Montenegro campaign
| Date | May 1714 |
| Location | Prince-Bishopric of Montenegro (Ottoman vassal state) |
| Result | Ottoman victory Seventh Ottoman-Venetian War; ; |

Belligerents
- Ottoman Empire: Prince-Bishopric of Montenegro

Commanders and leaders
- Köprülüzade Numan Pasha: Danilo I

Strength
- Unknown: Unknown

Casualties and losses
- Low: Very heavy

= Montenegro campaign =

1714 Ottoman campaign against its rebellious vassal state

The Montenegro campaign was a campaign launched in 1714 by the Ottoman Empire against the Prince-Bishopric of Montenegro, an Ottoman vassal state that had been intermittently rebelling against Turkish rule since 1710. The leadership of the campaign was entrusted to the Beylerbey of Bosnia, Köprülüzade Numan Pasha.

With the Ottomans having successfully suppressed the rebellion and restored their rule over the lands, Montenegro's rebellious leader Danilo I escaped to and sought refuge in the Republic of Venice. The Venetians rejected the extradition request of the Turks, which was one of the main reasons for why the Seventh Ottoman-Venetian War had begun.

==Prelude==
In 1710, when the Pruth River Campaign began, Russian Tsar Peter I sent agents to Montenegro and delivered a message encouraging an uprising. The Montenegrins, having accepted Peter's suggestions, rebelled and captured the Graçova in Herzegovina and laid siege to the fortress of Nikšić, but retreated to Cetinje when Ottoman reinforcement arrived. The Ottomans, who had decisively defeated the Russian army under Peter I in 1711, focused on Montenegro in 1712, and Bosnian Beylerbey Ahmed Pasha entered Montenegro, capturing its capital (Cetinje). He withdrew after making the Montenegrin tribesmen sign a pledge not to rebel again. However, once the Montenegrin prince Danilo I, who had taken refuge in the Republic of Venice during Ahmed Pasha's campaign in 1712, returned to Montenegro in 1713 and convinced people to revolt again. The new Beylerbey of Bosnia, Köprülüzade Numan Pasha, was assigned to suppress the uprising in May 1714.

==Campaign==
Under Numan Pasha's command were Sipahis from; the Eyalet of Bosnia, the Sanjaks of İzvornik, Klis, Işkodra, Ohri, Dukagin, Prizren, Elbasan and Vulçıtrın. The Sultan warned Numan Pasha when the preparations took too long. Acting upon this notice, the Ottoman troops under the command of Numan Pasha carried out the military operation from the Ottoman-Venetian border and advanced towards Cetinje. The Ottomans routed the Montenegrin forces, entering and heavily damaging Cetinje.

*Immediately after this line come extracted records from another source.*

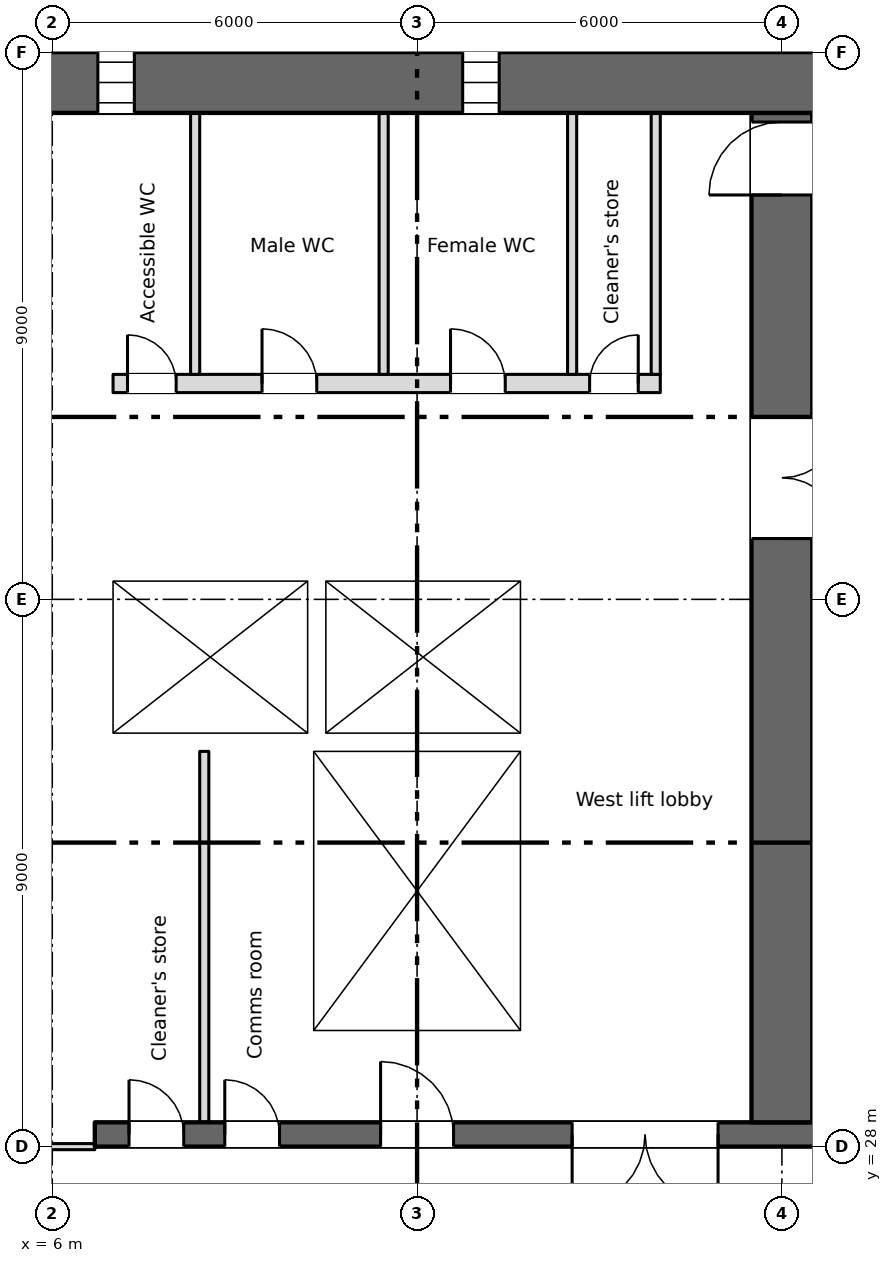
"""IFC4 building model, lengths in metres.
Left out: names, types, materials, properties, quantities, classifications, styles, units other than length and angle.
Written with IfcOpenShell. Run it as: python <this file> out.ifc"""

import sys

from ifc_helpers import new_model, si_unit, direction, frame, frame_2d, origin, place, context, subcontext, project, spatial, rectangle, extrude, element, fill, save


model = new_model("IFC4")
c1 = context("Model", 3, precision=1e-05, world=origin(), true_north=direction((0.0, 1.0)))
c2 = subcontext(c1, "Body", "Model", "MODEL_VIEW")
j1 = project(units=[si_unit("LENGTHUNIT", "METRE"), si_unit("PLANEANGLEUNIT", "RADIAN")], contexts=[c1])
p1 = place(None, origin())
s1 = spatial("IfcSite", under=j1, at=p1, CompositionType="ELEMENT")
p2 = place(p1, origin())
s2 = spatial("IfcBuilding", under=s1, at=p2, CompositionType="ELEMENT")
p3 = place(p2, frame((0.0, 0.0, 63.75)))
s3 = spatial("IfcBuildingStorey", under=s2, at=p3, CompositionType="ELEMENT", Elevation=63.75)
p4 = place(p3, frame((5.55, 45.5, 0.0), z_axis=(0.0, 0.0, 1.0), x_axis=(1.0, 0.0, 0.0)))
e1 = element("IfcWall", 1, at=p4, inside=s3, PredefinedType="SHEAR", context=c2, shape_type="SweptSolid", body=[
    extrude(rectangle(XDim=66.9, YDim=1.0, at=frame_2d((33.45, 0.0))), origin(), (0.0, 0.0, 1.0), 3.35),
])
p5 = place(p4, frame((1.2, 0.0, 0.6)))
e2 = element("IfcOpeningElement", 2, at=p5, cuts=e1, PredefinedType="OPENING", context=c2, shape_type="SweptSolid", body=[
    extrude(rectangle(XDim=0.6, YDim=2.4, at=frame_2d((0.3, 1.2))), frame((0.0, 0.51, 0.0), z_axis=(0.0, -1.0, 0.0), x_axis=(1.0, 0.0, 0.0)), (0.0, 0.0, 1.0), 1.02),
])
p6 = place(p4, frame((7.2, 0.0, 0.6)))
e3 = element("IfcOpeningElement", 3, at=p6, cuts=e1, PredefinedType="OPENING", context=c2, shape_type="SweptSolid", body=[
    extrude(rectangle(XDim=0.6, YDim=2.4, at=frame_2d((0.3, 1.2))), frame((0.0, 0.51, 0.0), z_axis=(0.0, -1.0, 0.0), x_axis=(1.0, 0.0, 0.0)), (0.0, 0.0, 1.0), 1.02),
])
p7 = place(p4, frame((61.2, 0.0, 0.6)))
e4 = element("IfcOpeningElement", 4, at=p7, cuts=e1, PredefinedType="OPENING", context=c2, shape_type="SweptSolid", body=[
    extrude(rectangle(XDim=0.6, YDim=2.4, at=frame_2d((0.3, 1.2))), frame((0.0, 0.51, 0.0), z_axis=(0.0, -1.0, 0.0), x_axis=(1.0, 0.0, 0.0)), (0.0, 0.0, 1.0), 1.02),
])
p8 = place(p3, frame((6.7, 28.2, 0.0), z_axis=(0.0, 0.0, 1.0), x_axis=(1.0, 0.0, 0.0)))
e5 = element("IfcWall", 5, at=p8, inside=s3, PredefinedType="SHEAR", context=c2, shape_type="SweptSolid", body=[
    extrude(rectangle(XDim=57.8, YDim=0.4, at=frame_2d((28.9, 0.0))), origin(), (0.0, 0.0, 1.0), 3.35),
])
p9 = place(p8, frame((12.562, 0.0, 0.0)))
e6 = element("IfcOpeningElement", 6, at=p9, cuts=e5, PredefinedType="OPENING", context=c2, shape_type="SweptSolid", body=[
    extrude(rectangle(XDim=0.9, YDim=2.1, at=frame_2d((0.45, 1.05))), frame((0.0, 0.21, 0.0), z_axis=(0.0, -1.0, 0.0), x_axis=(1.0, 0.0, 0.0)), (0.0, 0.0, 1.0), 0.42),
])
p10 = place(p8, frame((15.137, 0.0, 0.0)))
e7 = element("IfcOpeningElement", 7, at=p10, cuts=e5, PredefinedType="OPENING", context=c2, shape_type="SweptSolid", body=[
    extrude(rectangle(XDim=0.9, YDim=2.1, at=frame_2d((0.45, 1.05))), frame((0.0, 0.21, 0.0), z_axis=(0.0, -1.0, 0.0), x_axis=(1.0, 0.0, 0.0)), (0.0, 0.0, 1.0), 0.42),
])
p11 = place(p8, frame((49.85, 0.0, 0.0)))
e8 = element("IfcOpeningElement", 8, at=p11, cuts=e5, PredefinedType="OPENING", context=c2, shape_type="SweptSolid", body=[
    extrude(rectangle(XDim=0.9, YDim=2.1, at=frame_2d((0.45, 1.05))), frame((0.0, 0.21, 0.0), z_axis=(0.0, -1.0, 0.0), x_axis=(1.0, 0.0, 0.0)), (0.0, 0.0, 1.0), 0.42),
])
p12 = place(p8, frame((0.562, 0.0, 0.0)))
e9 = element("IfcOpeningElement", 9, at=p12, cuts=e5, PredefinedType="OPENING", context=c2, shape_type="SweptSolid", body=[
    extrude(rectangle(XDim=0.9, YDim=2.1, at=frame_2d((0.45, 1.05))), frame((0.0, 0.21, 0.0), z_axis=(0.0, -1.0, 0.0), x_axis=(1.0, 0.0, 0.0)), (0.0, 0.0, 1.0), 0.42),
])
p13 = place(p8, frame((2.137, 0.0, 0.0)))
e10 = element("IfcOpeningElement", 10, at=p13, cuts=e5, PredefinedType="OPENING", context=c2, shape_type="SweptSolid", body=[
    extrude(rectangle(XDim=0.9, YDim=2.1, at=frame_2d((0.45, 1.05))), frame((0.0, 0.21, 0.0), z_axis=(0.0, -1.0, 0.0), x_axis=(1.0, 0.0, 0.0)), (0.0, 0.0, 1.0), 0.42),
])
p14 = place(p8, frame((4.7, 0.0, 0.0)))
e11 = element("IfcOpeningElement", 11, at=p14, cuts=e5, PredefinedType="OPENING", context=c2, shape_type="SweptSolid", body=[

The Montenegrins who fled in face of the rapid Ottoman advances escaped to inaccessible areas or sought refuge in Venice. However, Köprülüzade Numan Pasha did not try to go after them and did not enter the territory of Venice. Although he did report to Istanbul that the Venetians were protecting and defending many Montenegrin rebels.

==Aftermath==
Having restored order in Montenegro, the Ottoman Empire turned its attention to the Peloponnese, a portion of which had been taken from them by Venice following the 1699 Treaty of Karlowitz. The Ottomans demanded the return of Danilo I, who had once again escaped to Venice; however, the Venetians refused. Thereupon, the Ottomans declared war on Venice and launched an invasion into the Morea. Once again, the Ottomans rapidly advanced in these territories and recaptured the lands with minimal resistance.